The Java code is as follows:
 PackageCode;/*** @className: Mylevenshtein.java * @classDescription: Levenshtein Distance Algorithm Implementation * can be used where: DNA analysis Scrabble speech recognition plagiarism detection * @author:d Onghai.wan * @createTime: 2012-1-12*/ Public classMylevenshtein { Public Static voidMain (string[] args) {//the two strings to compareString str1 = "Today Thursday"; String str2= "Today is Friday";    Levenshtein (STR1,STR2); }    /*** DNA analysis Spell check speech recognition plagiarism detection * * @createTime 2012-1-12*/     Public Static voidLevenshtein (String str1,string str2) {//calculates the length of a two string.         intLen1 =str1.length (); intLen2 =str2.length (); //Create the above-mentioned array, a space larger than the character length        int[] dif =New int[Len1 + 1] [Len2 + 1]; //assign the initial value, step b.          for(intA = 0; a <= len1; a++) {dif[a][0] =A; }         for(intA = 0; a <= len2; a++) {dif[0][a] =A; }        //Calculates whether two characters are the same, calculates the value on the left        inttemp;  for(inti = 1; I <= len1; i++) {             for(intj = 1; J <= Len2; J + +) {                if(Str1.charat (i-1) = = Str2.charat (j-1) ) {temp= 0; } Else{Temp= 1; }                //take the smallest of three valuesDif[i][j] = min (dif[i-1][j-1] + temp, dif[i][j-1] + 1, Dif[i-1][J] + 1); }} System.out.println ("String \" "+str1+" \ "vs \" "+str2+" \ "Comparison"); //The value in the lower-right corner of the array, and the same position represents the comparison of different stringsSystem.out.println ("diff step:" +Dif[len1][len2]); //Calculate similarity degree        floatSimilarity = 1-(float) Dif[len1][len2]/Math.max (Str1.length (), str2.length ()); System.out.println ("Similarity:" +similarity); }    //get the minimum value    Private Static intMinint.. is) {        intMin =Integer.max_value;  for(intI:is) {            if(Min >i) {min=i; }        }        returnmin; }}
5. Guessing principle

Why is it that we can figure out the similarity?

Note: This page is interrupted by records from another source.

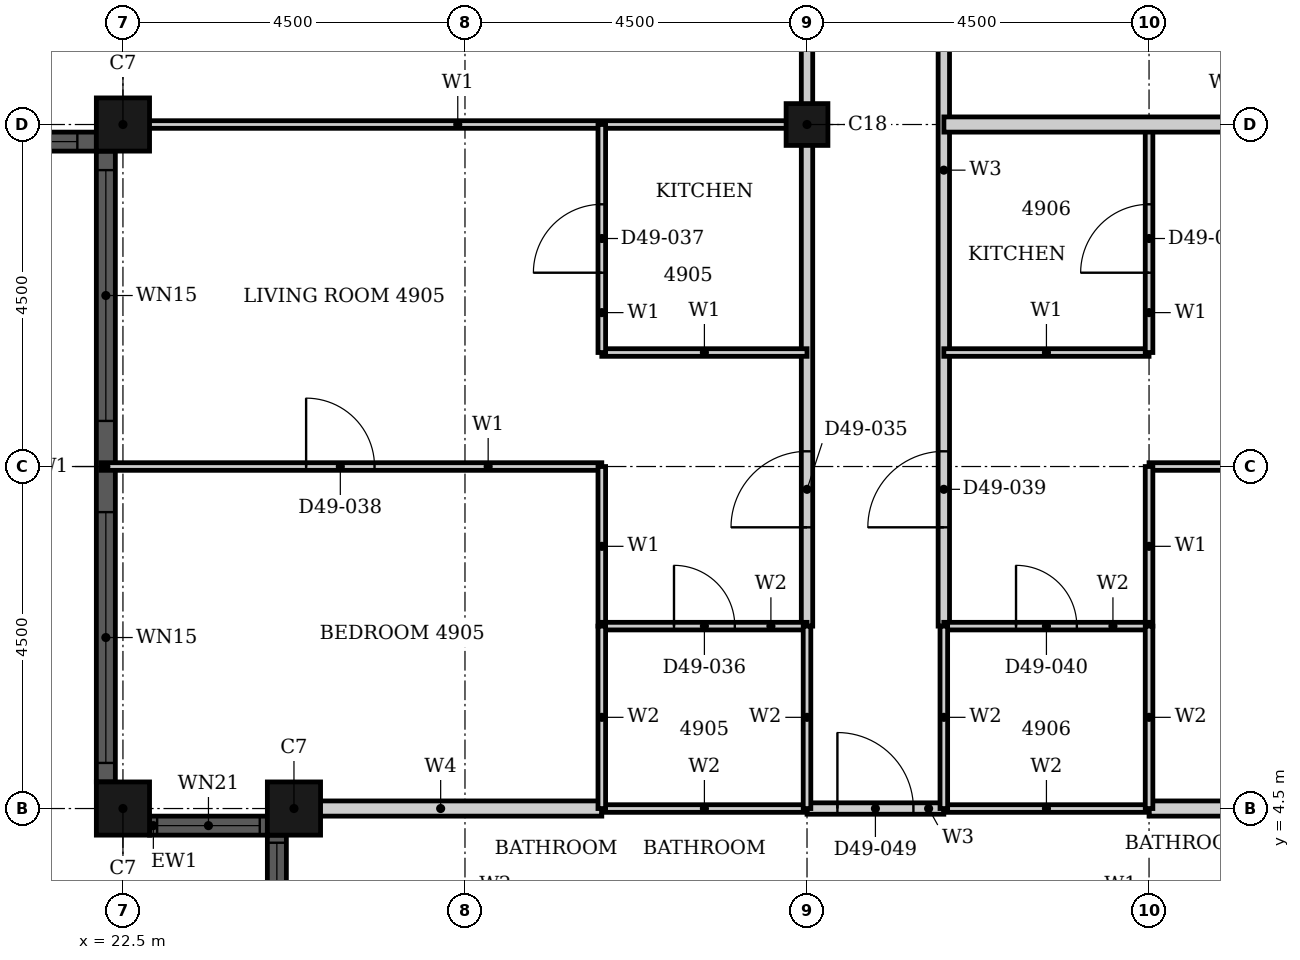
"""IFC4 building model, lengths in metres.
Left out: names, types, materials, properties, quantities, classifications, styles, units other than length and angle.
Written with IfcOpenShell. Run it as: python <this file> out.ifc"""

import sys

from ifc_helpers import new_model, si_unit, direction, frame, frame_2d, origin, origin_2d, place, context, subcontext, project, spatial, rectangle, hollow_rectangle, extrude, element, fill, save


model = new_model("IFC4")
c1 = context("Model", 3, precision=1e-05, world=origin(), true_north=direction((0.0, 1.0)))
c2 = subcontext(c1, "Body", "Model", "MODEL_VIEW")
j1 = project(units=[si_unit("LENGTHUNIT", "METRE"), si_unit("PLANEANGLEUNIT", "RADIAN")], contexts=[c1])
p1 = place(None, origin())
s1 = spatial("IfcSite", under=j1, at=p1, CompositionType="ELEMENT")
p2 = place(p1, origin())
s2 = spatial("IfcBuilding", under=s1, at=p2, CompositionType="ELEMENT")
p3 = place(p2, frame((0.0, 0.0, 196.1)))
s3 = spatial("IfcBuildingStorey", under=s2, at=p3, CompositionType="ELEMENT", Elevation=196.1)
for number, where, z_axis, x_axis in (
    (1, (22.5, 13.5, 0.0), (0.0, 0.0, 1.0), (1.0, 0.0, 0.0)),
    (2, (22.5, 4.5, 0.0), (0.0, 0.0, 1.0), (1.0, 0.0, 0.0)),
    (3, (24.75, 4.5, 0.0), (0.0, 0.0, 1.0), (1.0, 0.0, 0.0)),
):
    element("IfcColumn", number, at=place(p3, frame(where, z_axis=z_axis, x_axis=x_axis)), inside=s3, PredefinedType="COLUMN", context=c2, shape_type="SweptSolid", body=[
        extrude(hollow_rectangle(XDim=0.7, YDim=0.7, WallThickness=0.022, at=origin_2d()), origin(), (0.0, 0.0, 1.0), 3.7),
    ])
p4 = place(p3, frame((31.5, 13.5, 0.0), z_axis=(0.0, 0.0, 1.0), x_axis=(1.0, 0.0, 0.0)))
e4 = element("IfcColumn", 4, at=p4, inside=s3, PredefinedType="COLUMN", context=c2, shape_type="SweptSolid", body=[
    extrude(hollow_rectangle(XDim=0.55, YDim=0.55, WallThickness=0.018, at=origin_2d()), origin(), (0.0, 0.0, 1.0), 3.7),
])
p5 = place(p3, frame((18.35, 13.275, 0.0), z_axis=(0.0, 0.0, 1.0), x_axis=(1.0, 0.0, 0.0)))
e5 = element("IfcWall", 5, at=p5, inside=s3, PredefinedType="SOLIDWALL", context=c2, shape_type="SweptSolid", body=[
    extrude(rectangle(XDim=3.8, YDim=0.25, at=frame_2d((1.9, 0.0))), origin(), (0.0, 0.0, 1.0), 3.7),
])
p6 = place(p5, frame((0.25, 0.0, 0.45)))
e6 = element("IfcOpeningElement", 6, at=p6, cuts=e5, PredefinedType="OPENING", context=c2, shape_type="SweptSolid", body=[
    extrude(rectangle(XDim=3.3, YDim=2.3, at=frame_2d((1.65, 1.15))), frame((0.0, 0.135, 0.0), z_axis=(0.0, -1.0, 0.0), x_axis=(1.0, 0.0, 0.0)), (0.0, 0.0, 1.0), 0.27),
])
p7 = place(p3, frame((22.275, 13.15, 0.0), z_axis=(0.0, 0.0, 1.0), x_axis=(0.0, -1.0, 0.0)))
e7 = element("IfcWall", 7, at=p7, inside=s3, PredefinedType="SOLIDWALL", context=c2, shape_type="SweptSolid", body=[
    extrude(rectangle(XDim=8.3, YDim=0.25, at=frame_2d((4.15, 0.0))), origin(), (0.0, 0.0, 1.0), 3.7),
])
p8 = place(p7, frame((0.25, 0.0, 0.45)))
e8 = element("IfcOpeningElement", 8, at=p8, cuts=e7, PredefinedType="OPENING", context=c2, shape_type="SweptSolid", body=[
    extrude(rectangle(XDim=3.3, YDim=2.3, at=frame_2d((1.65, 1.15))), frame((0.0, 0.135, 0.0), z_axis=(0.0, -1.0, 0.0), x_axis=(1.0, 0.0, 0.0)), (0.0, 0.0, 1.0), 0.27),
])
p9 = place(p7, frame((4.75, 0.0, 0.45)))
e9 = element("IfcOpeningElement", 9, at=p9, cuts=e7, PredefinedType="OPENING", context=c2, shape_type="SweptSolid", body=[
    extrude(rectangle(XDim=3.3, YDim=2.3, at=frame_2d((1.65, 1.15))), frame((0.0, 0.135, 0.0), z_axis=(0.0, -1.0, 0.0), x_axis=(1.0, 0.0, 0.0)), (0.0, 0.0, 1.0), 0.27),
])
p10 = place(p3, frame((22.85, 4.275, 0.0), z_axis=(0.0, 0.0, 1.0), x_axis=(1.0, 0.0, 0.0)))
e10 = element("IfcWall", 10, at=p10, inside=s3, PredefinedType="SOLIDWALL", context=c2, shape_type="SweptSolid", body=[
    extrude(rectangle(XDim=1.55, YDim=0.25, at=frame_2d((0.775, 0.0))), origin(), (0.0, 0.0, 1.0), 3.7),
])
p11 = place(p10, frame((0.1, 0.0, 0.9)))
e11 = element("IfcOpeningElement", 11, at=p11, cuts=e10, PredefinedType="OPENING", context=c2, shape_type="SweptSolid", body=[
    extrude(rectangle(XDim=1.35, YDim=1.85, at=frame_2d((0.675, 0.925))), frame((0.0, 0.135, 0.0), z_axis=(0.0, -1.0, 0.0), x_axis=(1.0, 0.0, 0.0)), (0.0, 0.0, 1.0), 0.27),
])
p12 = place(p3, frame((24.525, 4.15, 0.0), z_axis=(0.0, 0.0, 1.0), x_axis=(0.0, -1.0, 0.0)))
e12 = element("IfcWall", 12, at=p12, inside=s3, PredefinedType="SOLIDWALL", context=c2, shape_type="SweptSolid", body=[
    extrude(rectangle(XDim=1.55, YDim=0.25, at=frame_2d((0.775, 0.0))), origin(), (0.0, 0.0, 1.0), 3.7),
])
p13 = place(p12, frame((0.1, 0.0, 0.9)))
e13 = element("IfcOpeningElement", 13, at=p13, cuts=e12, PredefinedType="OPENING", context=c2, shape_type="SweptSolid", body=[
    extrude(rectangle(XDim=1.35, YDim=1.85, at=frame_2d((0.675, 0.925))), frame((0.0, 0.135, 0.0), z_axis=(0.0, -1.0, 0.0), x_axis=(1.0, 0.0, 0.0)), (0.0, 0.0, 1.0), 0.27),
])
p14 = place(p3, frame((31.5, 4.5, 0.0), z_axis=(0.0, 0.0, 1.0), x_axis=(1.0, 0.0, 0.0)))
e14 = element("IfcWall", 14, at=p14, inside=s3, PredefinedType="PARTITIONING", context=c2, shape_type="SweptSolid", body=[
    extrude(rectangle(XDim=1.8, YDim=0.15, at=frame_2d((0.9, 0.0))), origin(), (0.0, 0.0, 1.0), 3.4),
])
p15 = place(p14, frame((0.4, 0.0, 0.0)))
e15 = element("IfcOpeningElement", 15, at=p15, cuts=e14, PredefinedType="OPENING", context=c2, shape_type="SweptSolid", body=[
    extrude(rectangle(XDim=1.0, YDim=2.2, at=frame_2d((0.5, 1.1))), frame((0.0, 0.085, 0.0), z_axis=(0.0, -1.0, 0.0), x_axis=(1.0, 0.0, 0.0)), (0.0, 0.0, 1.0), 0.17),
])
p16 = place(p3, frame((31.5, 6.9, 0.0), z_axis=(0.0, 0.0, 1.0), x_axis=(0.0, 1.0, 0.0)))
e16 = element("IfcWall", 16, at=p16, inside=s3, PredefinedType="PARTITIONING", context=c2, shape_type="SweptSolid", body=[
    extrude(rectangle(XDim=13.8, YDim=0.15, at=frame_2d((6.9, 0.0))), origin(), (0.0, 0.0, 1.0), 2.68),
])
p17 = place(p16, frame((1.3, 0.0, 0.0)))
e17 = element("IfcOpeningElement", 17, at=p17, cuts=e16, PredefinedType="OPENING", context=c2, shape_type="SweptSolid", body=[
    extrude(rectangle(XDim=1.0, YDim=2.2, at=frame_2d((0.5, 1.1))), frame((0.0, 0.085, 0.0), z_axis=(0.0, -1.0, 0.0), x_axis=(1.0, 0.0, 0.0)), (0.0, 0.0, 1.0), 0.17),
])
p18 = place(p3, frame((33.3, 6.9, 0.0), z_axis=(0.0, 0.0, 1.0), x_axis=(0.0, 1.0, 0.0)))
e18 = element("IfcWall", 18, at=p18, inside=s3, PredefinedType="PARTITIONING", context=c2, shape_type="SweptSolid", body=[
    extrude(rectangle(XDim=13.799, YDim=0.15, at=frame_2d((6.899, 0.0))), origin(), (0.0, 0.0, 1.0), 3.4),
])
p19 = place(p18, frame((9.699, 0.0, 0.0)))
e19 = element("IfcOpeningElement", 19, at=p19, cuts=e18, PredefinedType="OPENING", context=c2, shape_type="SweptSolid", body=[
    extrude(rectangle(XDim=1.0, YDim=2.2, at=frame_2d((0.5, 1.1))), frame((0.0, 0.085, 0.0), z_axis=(0.0, -1.0, 0.0), x_axis=(1.0, 0.0, 0.0)), (0.0, 0.0, 1.0), 0.17),
])
p20 = place(p18, frame((1.3, 0.0, 0.0)))
e20 = element("IfcOpeningElement", 20, at=p20, cuts=e18, PredefinedType="OPENING", context=c2, shape_type="SweptSolid", body=[
    extrude(rectangle(XDim=1.0, YDim=2.2, at=frame_2d((0.5, 1.1))), frame((0.0, 0.085, 0.0), z_axis=(0.0, -1.0, 0.0), x_axis=(1.0, 0.0, 0.0)), (0.0, 0.0, 1.0), 0.17),
])
for number, where, z_axis, x_axis in (
    (21, (33.3, 10.5, 0.0), (0.0, 0.0, 1.0), (1.0, 0.0, 0.0)),
    (22, (28.8, 10.5, 0.0), (0.0, 0.0, 1.0), (1.0, 0.0, 0.0)),
):
    element("IfcWall", number, at=place(p3, frame(where, z_axis=z_axis, x_axis=x_axis)), inside=s3, PredefinedType="PARTITIONING", context=c2, shape_type="SweptSolid", body=[
        extrude(rectangle(XDim=2.7, YDim=0.1, at=frame_2d((1.35, 0.0))), origin(), (0.0, 0.0, 1.0), 3.4),
    ])
p21 = place(p3, frame((22.31, 13.5, 0.0), z_axis=(0.0, 0.0, 1.0), x_axis=(1.0, 0.0, 0.0)))
e23 = element("IfcWall", 23, at=p21, inside=s3, PredefinedType="PARTITIONING", context=c2, shape_type="SweptSolid", body=[
    extrude(rectangle(XDim=9.19, YDim=0.1, at=frame_2d((4.595, 0.0))), origin(), (0.0, 0.0, 1.0), 2.48),
])
p22 = place(p3, frame((36.0, 9.0, 0.0), z_axis=(0.0, 0.0, 1.0), x_axis=(1.0, 0.0, 0.0)))
e24 = element("IfcWall", 24, at=p22, inside=s3, PredefinedType="PARTITIONING", context=c2, shape_type="SweptSolid", body=[
    extrude(rectangle(XDim=4.79, YDim=0.1, at=frame_2d((2.395, 0.0))), origin(), (0.0, 0.0, 1.0), 3.4),
])
p23 = place(p22, frame((1.8, 0.0, 0.0)))
e25 = element("IfcOpeningElement", 25, at=p23, cuts=e24, PredefinedType="OPENING", context=c2, shape_type="SweptSolid", body=[
    extrude(rectangle(XDim=0.9, YDim=2.1, at=frame_2d((0.45, 1.05))), frame((0.0, 0.06, 0.0), z_axis=(0.0, -1.0, 0.0), x_axis=(1.0, 0.0, 0.0)), (0.0, 0.0, 1.0), 0.12),
])
p24 = place(p3, frame((22.21, 9.0, 0.0), z_axis=(0.0, 0.0, 1.0), x_axis=(1.0, 0.0, 0.0)))
e26 = element("IfcWall", 26, at=p24, inside=s3, PredefinedType="PARTITIONING", context=c2, shape_type="SweptSolid", body=[
    extrude(rectangle(XDim=6.59, YDim=0.1, at=frame_2d((3.295, 0.0))), origin(), (0.0, 0.0, 1.0), 3.4),
])
p25 = place(p24, frame((2.7, 0.0, 0.0)))
e27 = element("IfcOpeningElement", 27, at=p25, cuts=e26, PredefinedType="OPENING", context=c2, shape_type="SweptSolid", body=[
    extrude(rectangle(XDim=0.9, YDim=2.1, at=frame_2d((0.45, 1.05))), frame((0.0, 0.06, 0.0), z_axis=(0.0, -1.0, 0.0), x_axis=(1.0, 0.0, 0.0)), (0.0, 0.0, 1.0), 0.12),
])
p26 = place(p3, frame((28.8, 6.9, 0.0), z_axis=(0.0, 0.0, 1.0), x_axis=(0.0, 1.0, 0.0)))
e28 = element("IfcWall", 28, at=p26, inside=s3, PredefinedType="PARTITIONING", context=c2, shape_type="SweptSolid", body=[
    extrude(rectangle(XDim=2.1, YDim=0.1, at=frame_2d((1.05, 0.0))), origin(), (0.0, 0.0, 1.0), 3.4),
])
p27 = place(p3, frame((28.8, 10.5, 0.0), z_axis=(0.0, 0.0, 1.0), x_axis=(0.0, 1.0, 0.0)))
e29 = element("IfcWall", 29, at=p27, inside=s3, PredefinedType="PARTITIONING", context=c2, shape_type="SweptSolid", body=[
    extrude(rectangle(XDim=3.0, YDim=0.1, at=frame_2d((1.5, 0.0))), origin(), (0.0, 0.0, 1.0), 3.4),
])
p28 = place(p27, frame((1.05, 0.0, 0.0)))
e30 = element("IfcOpeningElement", 30, at=p28, cuts=e29, PredefinedType="OPENING", context=c2, shape_type="SweptSolid", body=[
    extrude(rectangle(XDim=0.9, YDim=2.1, at=frame_2d((0.45, 1.05))), frame((0.0, 0.06, 0.0), z_axis=(0.0, -1.0, 0.0), x_axis=(1.0, 0.0, 0.0)), (0.0, 0.0, 1.0), 0.12),
])
p29 = place(p3, frame((36.0, 6.9, 0.0), z_axis=(0.0, 0.0, 1.0), x_axis=(0.0, 1.0, 0.0)))
e31 = element("IfcWall", 31, at=p29, inside=s3, PredefinedType="PARTITIONING", context=c2, shape_type="SweptSolid", body=[
    extrude(rectangle(XDim=2.1, YDim=0.1, at=frame_2d((1.05, 0.0))), origin(), (0.0, 0.0, 1.0), 2.68),
])
p30 = place(p3, frame((36.0, 10.5, 0.0), z_axis=(0.0, 0.0, 1.0), x_axis=(0.0, 1.0, 0.0)))
e32 = element("IfcWall", 32, at=p30, inside=s3, PredefinedType="PARTITIONING", context=c2, shape_type="SweptSolid", body=[
    extrude(rectangle(XDim=3.0, YDim=0.1, at=frame_2d((1.5, 0.0))), origin(), (0.0, 0.0, 1.0), 2.68),
])
p31 = place(p30, frame((1.05, 0.0, 0.0)))
e33 = element("IfcOpeningElement", 33, at=p31, cuts=e32, PredefinedType="OPENING", context=c2, shape_type="SweptSolid", body=[
    extrude(rectangle(XDim=0.9, YDim=2.1, at=frame_2d((0.45, 1.05))), frame((0.0, 0.06, 0.0), z_axis=(0.0, -1.0, 0.0), x_axis=(1.0, 0.0, 0.0)), (0.0, 0.0, 1.0), 0.12),
])
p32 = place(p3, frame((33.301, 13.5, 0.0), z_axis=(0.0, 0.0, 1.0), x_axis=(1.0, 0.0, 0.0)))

First, in consecutive equal characters, you can consider the

Red is the order in which values are taken.

1. Today week One days Monday

Days Week One
0 1 2 3
This 1 1 2 3
Days 2 1 2 3
Week 3 2 1 3
One 4 3 3 1

Implementation is to remove the "Today", one step to complete.

2. I hear it's going to be a holiday.

You Listen Said To Put False The
0 1 2 3 4 5 6 7
Listen 1 1 1 2 3 4 5 6
Said 2 2 2 1 2 3 4 5
Horse 3 3 3 2 2 3 4 5
On 4 4 4 3 3 3 4 5
On 5 5 5 4 4 4 4 5
To 6 6 6 5 4 5 5 5
Put 7 7 7 6 5 4 5 6
False 8 8 8 7 6 5 4 6
The 9 9 9 8 7 6 6 4

The two strings are:

Remove "You", plus "immediate", a total of four steps.

Levenshtein Distance distance algorithm to calculate the similarity of strings

Contact Us

The content source of this page is from Internet, which doesn't represent Alibaba Cloud's opinion; products and services mentioned on that page don't have any relationship with Alibaba Cloud. If the content of the page makes you feel confusing, please write us an email, we will handle the problem within 5 days after receiving your email.

If you find any instances of plagiarism from the community, please send an email to: info-contact@alibabacloud.com and provide relevant evidence. A staff member will contact you within 5 working days.

A Free Trial That Lets You Build Big!

Start building with 50+ products and up to 12 months usage for Elastic Compute Service

  • Sales Support

    1 on 1 presale consultation

  • After-Sales Support

    24/7 Technical Support 6 Free Tickets per Quarter Faster Response

  • Alibaba Cloud offers highly flexible support services tailored to meet your exact needs.